Take stock of your training goals to find the right amount of warm-up time before a tough workout.
Shelley asks: I’m training for my second marathon, and lately I’ve been running a 4.8km warm-up before my speed workouts, which are usually once or twice a week. Is that warm-up too long?
A 4.8km warm-up is long, however, that doesn’t necessarily mean it’s a bad thing. While a one kilometre warm-up is usually adequate before most speed workouts, what’s more important is your intention behind that longer priming period. If your goal in doing a longer warm-up is to increase your total weekly mileage, this can be a great way to get in a few more kilometres – the slower, easier pace is kinder and gentler on the body.
When doing specific speed workouts, you should have a goal pace to target. Take note of your pace during these faster sessions and be sure you are hitting these prescribed paces. If you are, then you can be assured that the longer warm-up is not detracting from workout. In fact, since you are training for a marathon, these longer workouts should help you achieve your marathon goals. If your legs feel tired and you’re not hitting those paces, then it is possible the longer warm-up is taking too much out of your before you even start.

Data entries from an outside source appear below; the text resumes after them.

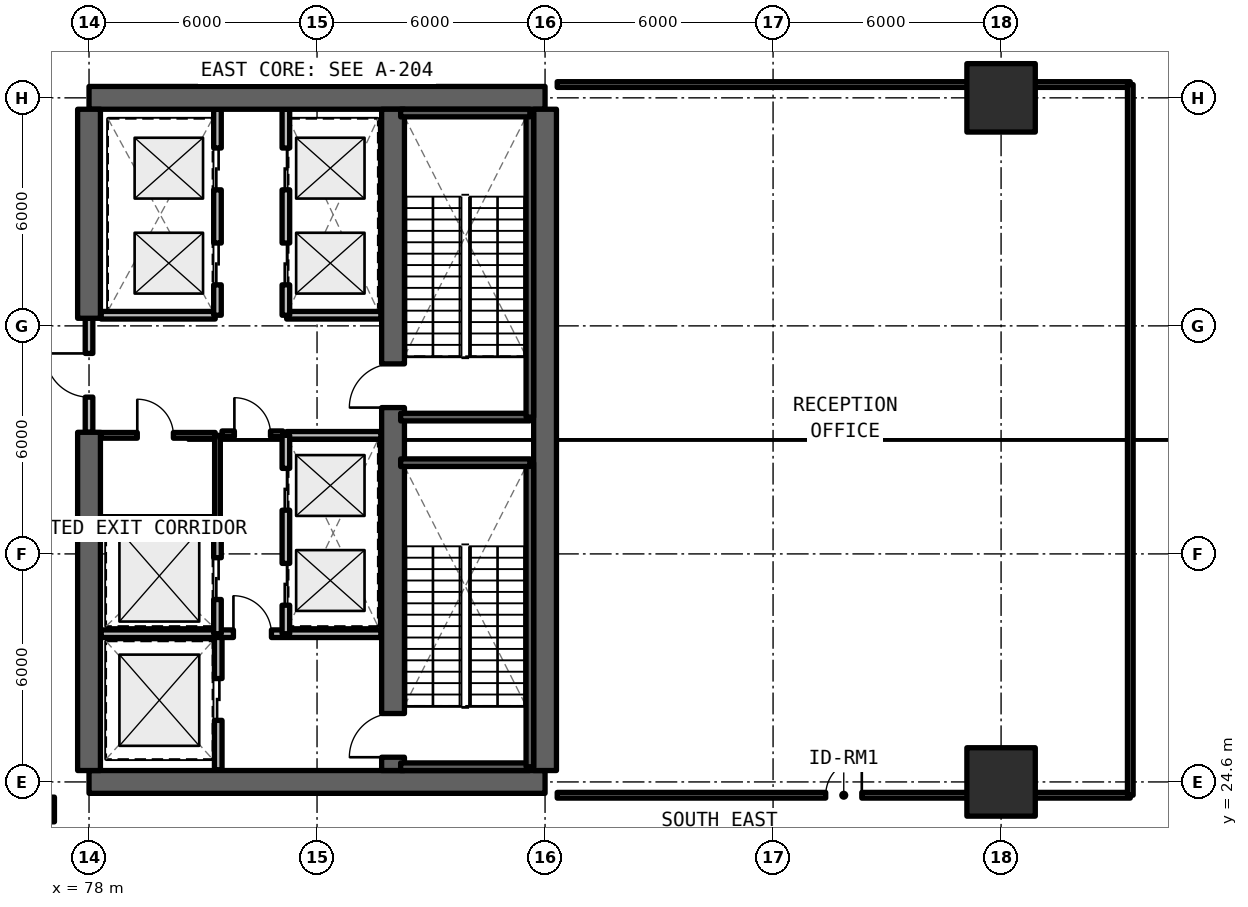
"""IFC4 building model, lengths in metres.
Left out: names, types, materials, properties, quantities, classifications, styles, units other than length and angle.
Written with IfcOpenShell. Run it as: python <this file> out.ifc"""

import sys

from ifc_helpers import new_model, si_unit, direction, frame, frame_2d, origin, origin_2d, place, context, subcontext, project, spatial, rectangle, extrude, element, fill, save


model = new_model("IFC4")
c1 = context("Model", 3, precision=1e-05, world=origin(), true_north=direction((0.0, 1.0)))
c2 = subcontext(c1, "Body", "Model", "MODEL_VIEW")
j1 = project(units=[si_unit("LENGTHUNIT", "METRE"), si_unit("PLANEANGLEUNIT", "RADIAN")], contexts=[c1])
p1 = place(None, origin())
s1 = spatial("IfcSite", under=j1, at=p1, CompositionType="ELEMENT")
p2 = place(p1, origin())
s2 = spatial("IfcBuilding", under=s1, at=p2, CompositionType="ELEMENT")
p3 = place(p2, origin())
s3 = spatial("IfcBuildingStorey", under=s2, at=p3, CompositionType="ELEMENT", Elevation=0.0)
for number, where, z_axis, x_axis in (
    (1, (78.0, 24.6, 0.0), (0.0, 0.0, 1.0), (1.0, 0.0, 0.0)),
    (2, (90.0, 42.6, 0.0), (0.0, 0.0, 1.0), (-1.0, 0.0, 0.0)),
):
    element("IfcWall", number, at=place(p3, frame(where, z_axis=z_axis, x_axis=x_axis)), inside=s3, PredefinedType="SHEAR", context=c2, shape_type="SweptSolid", body=[
        extrude(rectangle(XDim=12.0, YDim=0.6, at=frame_2d((6.0, 0.0))), origin(), (0.0, 0.0, 1.0), 4.95),
    ])
p4 = place(p3, frame((90.0, 24.9, 0.0), z_axis=(0.0, 0.0, 1.0), x_axis=(0.0, 1.0, 0.0)))
e3 = element("IfcWall", 3, at=p4, inside=s3, PredefinedType="SHEAR", context=c2, shape_type="SweptSolid", body=[
    extrude(rectangle(XDim=17.4, YDim=0.6, at=frame_2d((8.7, 0.0))), origin(), (0.0, 0.0, 1.0), 4.95),
])
p5 = place(p3, frame((78.0, 24.9, 0.0), z_axis=(0.0, 0.0, 1.0), x_axis=(0.0, 1.0, 0.0)))
e4 = element("IfcWall", 4, at=p5, inside=s3, PredefinedType="SHEAR", context=c2, shape_type="SweptSolid", body=[
    extrude(rectangle(XDim=8.9, YDim=0.6, at=frame_2d((4.45, 0.0))), origin(), (0.0, 0.0, 1.0), 4.95),
])
p6 = place(p3, frame((78.0, 36.8, 0.0), z_axis=(0.0, 0.0, 1.0), x_axis=(0.0, 1.0, 0.0)))
e5 = element("IfcWall", 5, at=p6, inside=s3, PredefinedType="SHEAR", context=c2, shape_type="SweptSolid", body=[
    extrude(rectangle(XDim=5.5, YDim=0.6, at=frame_2d((2.75, 0.0))), origin(), (0.0, 0.0, 1.0), 4.95),
])
p7 = place(p3, frame((86.0, 24.9, 0.0), z_axis=(0.0, 0.0, 1.0), x_axis=(0.0, 1.0, 0.0)))
e6 = element("IfcWall", 6, at=p7, inside=s3, PredefinedType="SHEAR", context=c2, shape_type="SweptSolid", body=[
    extrude(rectangle(XDim=17.4, YDim=0.6, at=frame_2d((8.7, 0.0))), origin(), (0.0, 0.0, 1.0), 4.95),
])
p8 = place(p7, frame((0.35, 0.0, 0.0)))
e7 = element("IfcOpeningElement", 7, at=p8, cuts=e6, PredefinedType="OPENING", context=c2, shape_type="SweptSolid", body=[
    extrude(rectangle(XDim=1.15, YDim=2.15, at=frame_2d((0.575, 1.075))), frame((0.0, 0.31, 0.0), z_axis=(0.0, -1.0, 0.0), x_axis=(1.0, 0.0, 0.0)), (0.0, 0.0, 1.0), 0.62),
])
p9 = place(p7, frame((9.55, 0.0, 0.0)))
e8 = element("IfcOpeningElement", 8, at=p9, cuts=e6, PredefinedType="OPENING", context=c2, shape_type="SweptSolid", body=[
    extrude(rectangle(XDim=1.15, YDim=2.15, at=frame_2d((0.575, 1.075))), frame((0.0, 0.31, 0.0), z_axis=(0.0, -1.0, 0.0), x_axis=(1.0, 0.0, 0.0)), (0.0, 0.0, 1.0), 0.62),
])
for number, where, z_axis, x_axis in (
    (9, (102.0, 24.6, 0.0), (0.0, 0.0, 1.0), (1.0, 0.0, 0.0)),
    (10, (102.0, 42.6, 0.0), (0.0, 0.0, 1.0), (1.0, 0.0, 0.0)),
):
    element("IfcColumn", number, at=place(p3, frame(where, z_axis=z_axis, x_axis=x_axis)), inside=s3, PredefinedType="COLUMN", context=c2, shape_type="SweptSolid", body=[
        extrude(rectangle(XDim=1.8, YDim=1.8, at=origin_2d()), origin(), (0.0, 0.0, 1.0), 4.95),
    ])
p10 = place(p3, frame((81.4, 24.92, 0.0), z_axis=(0.0, 0.0, 1.0), x_axis=(0.0, 1.0, 0.0)))
e11 = element("IfcWall", 11, at=p10, inside=s3, PredefinedType="SOLIDWALL", context=c2, shape_type="SweptSolid", body=[
    extrude(rectangle(XDim=3.58, YDim=0.2, at=frame_2d((1.79, 0.0))), origin(), (0.0, 0.0, 1.0), 3.89),
])
p11 = place(p10, frame((1.3, 0.0, 0.0)))
e12 = element("IfcOpeningElement", 12, at=p11, cuts=e11, PredefinedType="OPENING", context=c2, shape_type="SweptSolid", body=[
    extrude(rectangle(XDim=1.1, YDim=2.2, at=frame_2d((0.55, 1.1))), frame((0.0, 0.11, 0.0), z_axis=(0.0, -1.0, 0.0), x_axis=(1.0, 0.0, 0.0)), (0.0, 0.0, 1.0), 0.22),
])
p12 = place(p3, frame((78.32, 28.5, 0.0), z_axis=(0.0, 0.0, 1.0), x_axis=(1.0, 0.0, 0.0)))
e13 = element("IfcWall", 13, at=p12, inside=s3, PredefinedType="SOLIDWALL", context=c2, shape_type="SweptSolid", body=[
    extrude(rectangle(XDim=7.36, YDim=0.2, at=frame_2d((3.68, 0.0))), origin(), (0.0, 0.0, 1.0), 3.89),
])
p13 = place(p12, frame((3.48, 0.0, 0.0)))
e14 = element("IfcOpeningElement", 14, at=p13, cuts=e13, PredefinedType="OPENING", context=c2, shape_type="SweptSolid", body=[
    extrude(rectangle(XDim=1.0, YDim=2.15, at=frame_2d((0.5, 1.075))), frame((0.0, 0.11, 0.0), z_axis=(0.0, -1.0, 0.0), x_axis=(1.0, 0.0, 0.0)), (0.0, 0.0, 1.0), 0.22),
])
p14 = place(p3, frame((78.0, 33.8, 0.0), z_axis=(0.0, 0.0, 1.0), x_axis=(0.0, 1.0, 0.0)))
e15 = element("IfcWall", 15, at=p14, inside=s3, PredefinedType="SOLIDWALL", context=c2, shape_type="SweptSolid", body=[
    extrude(rectangle(XDim=3.0, YDim=0.2, at=frame_2d((1.5, 0.0))), origin(), (0.0, 0.0, 1.0), 3.89),
])
p15 = place(p14, frame((0.925, 0.0, 0.0)))
e16 = element("IfcOpeningElement", 16, at=p15, cuts=e15, PredefinedType="OPENING", context=c2, shape_type="SweptSolid", body=[
    extrude(rectangle(XDim=1.15, YDim=2.15, at=frame_2d((0.575, 1.075))), frame((0.0, 0.11, 0.0), z_axis=(0.0, -1.0, 0.0), x_axis=(1.0, 0.0, 0.0)), (0.0, 0.0, 1.0), 0.22),
])
p16 = place(p3, frame((81.5, 33.76, 0.0), z_axis=(0.0, 0.0, 1.0), x_axis=(1.0, 0.0, 0.0)))
e17 = element("IfcWall", 17, at=p16, inside=s3, PredefinedType="SOLIDWALL", context=c2, shape_type="SweptSolid", body=[
    extrude(rectangle(XDim=1.6, YDim=0.15, at=frame_2d((0.8, 0.0))), origin(), (0.0, 0.0, 1.0), 3.89),
])
p17 = place(p16, frame((0.325, 0.0, 0.0)))
e18 = element("IfcOpeningElement", 18, at=p17, cuts=e17, PredefinedType="OPENING", context=c2, shape_type="SweptSolid", body=[
    extrude(rectangle(XDim=0.95, YDim=2.15, at=frame_2d((0.475, 1.075))), frame((0.0, 0.085, 0.0), z_axis=(0.0, -1.0, 0.0), x_axis=(1.0, 0.0, 0.0)), (0.0, 0.0, 1.0), 0.17),
])
p18 = place(p3, frame((83.2, 33.72, 0.0), z_axis=(0.0, 0.0, 1.0), x_axis=(1.0, 0.0, 0.0)))
e19 = element("IfcWall", 19, at=p18, inside=s3, PredefinedType="SOLIDWALL", context=c2, shape_type="SweptSolid", body=[
    extrude(rectangle(XDim=2.48, YDim=0.2, at=frame_2d((1.24, 0.0))), origin(), (0.0, 0.0, 1.0), 3.89),
])
p19 = place(p3, frame((83.18, 28.5, 0.0), z_axis=(0.0, 0.0, 1.0), x_axis=(0.0, 1.0, 0.0)))
e20 = element("IfcWall", 20, at=p19, inside=s3, PredefinedType="SOLIDWALL", context=c2, shape_type="SweptSolid", body=[
    extrude(rectangle(XDim=5.22, YDim=0.2, at=frame_2d((2.61, 0.0))), origin(), (0.0, 0.0, 1.0), 3.89),
])
p20 = place(p19, frame((0.75, 0.0, 0.0)))
e21 = element("IfcOpeningElement", 21, at=p20, cuts=e20, PredefinedType="OPENING", context=c2, shape_type="SweptSolid", body=[
    extrude(rectangle(XDim=1.1, YDim=2.2, at=frame_2d((0.55, 1.1))), frame((0.0, 0.11, 0.0), z_axis=(0.0, -1.0, 0.0), x_axis=(1.0, 0.0, 0.0)), (0.0, 0.0, 1.0), 0.22),
])
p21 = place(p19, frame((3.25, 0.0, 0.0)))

Recovery is also important, so look for signs of overtraining when running higher mileage. A higher than normal resting heart rate, aches or pains, lack of motivation, a higher than normal perceived exertion level or missing your times on your workouts can all be signs of overdoing it. If that happens, take some recovery time, reassess and cut back on mileage where you can
Another option for increasing weekly mileage is to add on during the cool-down phase of your run. Again, this can help simulate the marathon experience by helping you become accustomed to running on tired legs.
Speed workouts are typically five to eight kilometres in length, so running a three or five kilometre warm-up and a one kilometre cooldown could give you a total of nine to 14 kilometres, which is not bad for a weekday training run.